Samenstelling: Leden: V. A. M. van der Burg (CDA), voorzitter, Schutte (GPV), Korthals (VVD), Janmaat (CD), Koekkoek (CDA), Soutendijk-van Appeldoorn (CDA), Van de Camp (CDA), Swildens-Rozendaal (PvdA), ondervoorzitter, M. M. van der Burg (PvdA), Scheltema-de Nie (D66), Kalsbeek-Jasperse (PvdA), Zijlstra (PvdA), Aiking-van Wageningen (Groep Nijpels), Rabbae (GroenLinks), Koekkoek (CDA), J. M. de Vries (VVD), Van Oven (PvdA), Van der Stoel (VVD), Dittrich (D66), Verhagen (CDA), Dijksman (PvdA), De Graaf (D66), Rouvoet (RPF), B. M. de Vries (VVD), O. P. G. Vos (VVD), Van Vliet (D66).

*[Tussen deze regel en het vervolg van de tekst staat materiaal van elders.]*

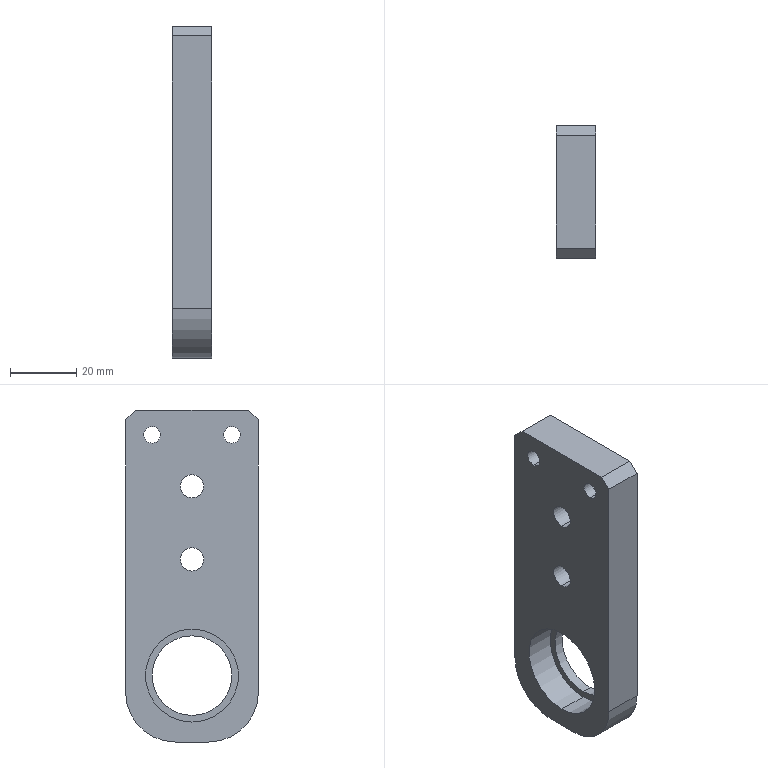Component | SolidWorks | ConveyorDrivenWheelSidePlate-4 | 1 solid | 23 faces | box 12 x 40 x 100 mm | volume 38439 mm3 | cylinder 14 | plane 9 | commonest cylinder face diameters 5 x4 7 x4 24 x2 28 x2 30 x2 | material Plain Carbon Steel
build123d program:
from build123d import *

# Parameters (mm, degrees)
SKETCH1_W           = 100
SKETCH1_H           = 40
BOSS_EXTRUDE1_DEPTH = 12
SKETCH2_R           = 14
CUT_EXTRUDE1_DEPTH  = 9
SKETCH3_R           = 3.5
CUT_EXTRUDE2_DEPTH  = 56.172
SKETCH4_R           = 12
CUT_EXTRUDE3_DEPTH  = 55.599
FILLET1_R           = 15
CHAMFER1_SIZE       = 3
M6_TAPPED_HOLE1_D   = 5


with BuildPart() as part:
    # Sketch1 → Boss-Extrude1 (new body)
    with BuildSketch(Plane(origin=(0, 0, 0), x_dir=(0, 0, -1), z_dir=(1, 0, 0))):
        Rectangle(SKETCH1_W, SKETCH1_H)
    extrude(amount=BOSS_EXTRUDE1_DEPTH)

    # Sketch2 → Cut-Extrude1 (cut)
    with BuildSketch(Plane(origin=(12, 0, 0), x_dir=(0, 0, -1), z_dir=(1, 0, 0))):
        with Locations((30, 0)):
            Circle(SKETCH2_R)
    extrude(amount=-CUT_EXTRUDE1_DEPTH, mode=Mode.SUBTRACT)

    # Sketch3 → Cut-Extrude2 (cut, through all)
    with BuildSketch(Plane.ZY):
        with Locations((5, 0)):
            Circle(SKETCH3_R)
        with Locations((27, 0)):
            Circle(SKETCH3_R)
    extrude(amount=-CUT_EXTRUDE2_DEPTH, mode=Mode.SUBTRACT)

    # Sketch4 → Cut-Extrude3 (cut, through all)
    with BuildSketch(Plane(origin=(3, 0, 0), x_dir=(0, 0, -1), z_dir=(1, 0, 0))):
        with Locations((30, 0)):
            Circle(SKETCH4_R)
    extrude(amount=-CUT_EXTRUDE3_DEPTH, mode=Mode.SUBTRACT)

    # Fillet1
    fillet1_edges = [part.edges().sort_by_distance(p)[0] for p in [
        (6, -20, -50),
        (6, 20, -50),
    ]]
    fillet(fillet1_edges, radius=FILLET1_R)

    # Chamfer1
    chamfer1_edges = [part.edges().sort_by_distance(p)[0] for p in [
        (6, -20, 50),
        (6, 20, 50),
    ]]
    chamfer(chamfer1_edges, length=CHAMFER1_SIZE)

    # M6 Tapped Hole1 (through all)
    with Locations(Plane.ZY):
        with Locations((42.5, 12), (42.5, -12)):
            Hole(M6_TAPPED_HOLE1_D / 2)


solid = part.part

# Placed as in the assembly
solid = solid.moved(Location((47.45, 5.646, 185), (0, 0, 180)))
STEP:
#1=COLOUR_RGB('',0.7922,0.8196,0.9333);
#2=FILL_AREA_STYLE_COLOUR('',#1);
#3=FILL_AREA_STYLE('',(#2));
#4=SURFACE_STYLE_FILL_AREA(#3);
#5=SURFACE_SIDE_STYLE('',(#4));
#6=SURFACE_STYLE_USAGE(.BOTH.,#5);
#7=PRESENTATION_STYLE_ASSIGNMENT((#6));
#8=CARTESIAN_POINT('',(1.396,-0.2502,8.858));
#9=VERTEX_POINT('',#8);
#10=CARTESIAN_POINT('',(1.396,-0.2502,9.055));
#11=VERTEX_POINT('',#10);
#12=CARTESIAN_POINT('',(1.396,-0.2502,8.957));
#13=DIRECTION('',(1.,-0.,-0.));
#14=DIRECTION('',(0.,0.,1.));
#15=AXIS2_PLACEMENT_3D('',#12,#13,#14);
#16=CIRCLE('',#15,0.09843);
#17=EDGE_CURVE('',#9,#11,#16,.T.);
#18=ORIENTED_EDGE('',*,*,#17,.F.);
#19=CARTESIAN_POINT('',(1.868,-0.2502,8.858));
#20=VERTEX_POINT('',#19);
#21=CARTESIAN_POINT('',(1.868,-0.2502,8.858));
#22=DIRECTION('',(1.,-0.,-0.));
#23=VECTOR('',#22,39.37);
#24=LINE('',#21,#23);
#25=EDGE_CURVE('',#9,#20,#24,.T.);
#26=ORIENTED_EDGE('',*,*,#25,.T.);
#27=CARTESIAN_POINT('',(1.868,-0.2502,9.055));
#28=VERTEX_POINT('',#27);
#29=CARTESIAN_POINT('',(1.868,-0.2502,8.957));
#30=DIRECTION('',(1.,-0.,-0.));
#31=DIRECTION('',(0.,0.,1.));
#32=AXIS2_PLACEMENT_3D('',#29,#30,#31);
#33=CIRCLE('',#32,0.09843);
#34=EDGE_CURVE('',#20,#28,#33,.T.);
#35=ORIENTED_EDGE('',*,*,#34,.T.);
#36=CARTESIAN_POINT('',(1.868,-0.2502,9.055));
#37=DIRECTION('',(1.,-0.,-0.));
#38=VECTOR('',#37,39.37);
#39=LINE('',#36,#38);
#40=EDGE_CURVE('',#11,#28,#39,.T.);
#41=ORIENTED_EDGE('',*,*,#40,.F.);
#42=EDGE_LOOP('',(#18,#26,#35,#41));
#43=FACE_OUTER_BOUND('',#42,.T.);
#44=CARTESIAN_POINT('',(1.868,-0.2502,8.957));
#45=DIRECTION('',(1.,-0.,-0.));
#46=DIRECTION('',(0.,0.,1.));
#47=AXIS2_PLACEMENT_3D('',#44,#45,#46);
#48=CYLINDRICAL_SURFACE('',#47,0.09843);
#49=ADVANCED_FACE('',(#43),#48,.F.);
#50=CARTESIAN_POINT('',(1.396,0.6947,8.858));
#51=VERTEX_POINT('',#50);
#52=CARTESIAN_POINT('',(1.396,0.6947,9.055));
#53=VERTEX_POINT('',#52);
#54=CARTESIAN_POINT('',(1.396,0.6947,8.957));
#55=DIRECTION('',(1.,-0.,-0.));
#56=DIRECTION('',(0.,0.,1.));
#57=AXIS2_PLACEMENT_3D('',#54,#55,#56);
#58=CIRCLE('',#57,0.09843);
#59=EDGE_CURVE('',#51,#53,#58,.T.);
#60=ORIENTED_EDGE('',*,*,#59,.F.);
#61=CARTESIAN_POINT('',(1.868,0.6947,8.858));
#62=VERTEX_POINT('',#61);
#63=CARTESIAN_POINT('',(1.868,0.6947,8.858));
#64=DIRECTION('',(1.,-0.,-0.));
#65=VECTOR('',#64,39.37);
#66=LINE('',#63,#65);
#67=EDGE_CURVE('',#51,#62,#66,.T.);
#68=ORIENTED_EDGE('',*,*,#67,.T.);
#69=CARTESIAN_POINT('',(1.868,0.6947,9.055));
#70=VERTEX_POINT('',#69);
#71=CARTESIAN_POINT('',(1.868,0.6947,8.957));
#72=DIRECTION('',(1.,-0.,-0.));
#73=DIRECTION('',(0.,0.,1.));
#74=AXIS2_PLACEMENT_3D('',#71,#72,#73);
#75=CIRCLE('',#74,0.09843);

Plv. leden: Smits (CDA), Van den Berg (SGP), Van Blerck-Woerdman (VVD), Marijnissen (SP), Biesheuvel (CDA), Bremmer (CDA), Doelman-Pel (CDA), Van Traa (PvdA), Van Heemst (PvdA), Bijleveld-Schouten (CDA), Rehwinkel (PvdA), Vliegenthart (PvdA), R. A. Meijer (Groep Nijpels), Sipkes (GroenLinks), Biesheuvel (CDA), Rijpstra (VVD), Middel (PvdA), Passtoors (VVD), Van Boxtel (D66), Van der Heijden (CDA), Apostolou (PvdA), Roethof (D66), Leerkes (U55+), Van den Doel (VVD), Weisglas (VVD), De Koning (D66).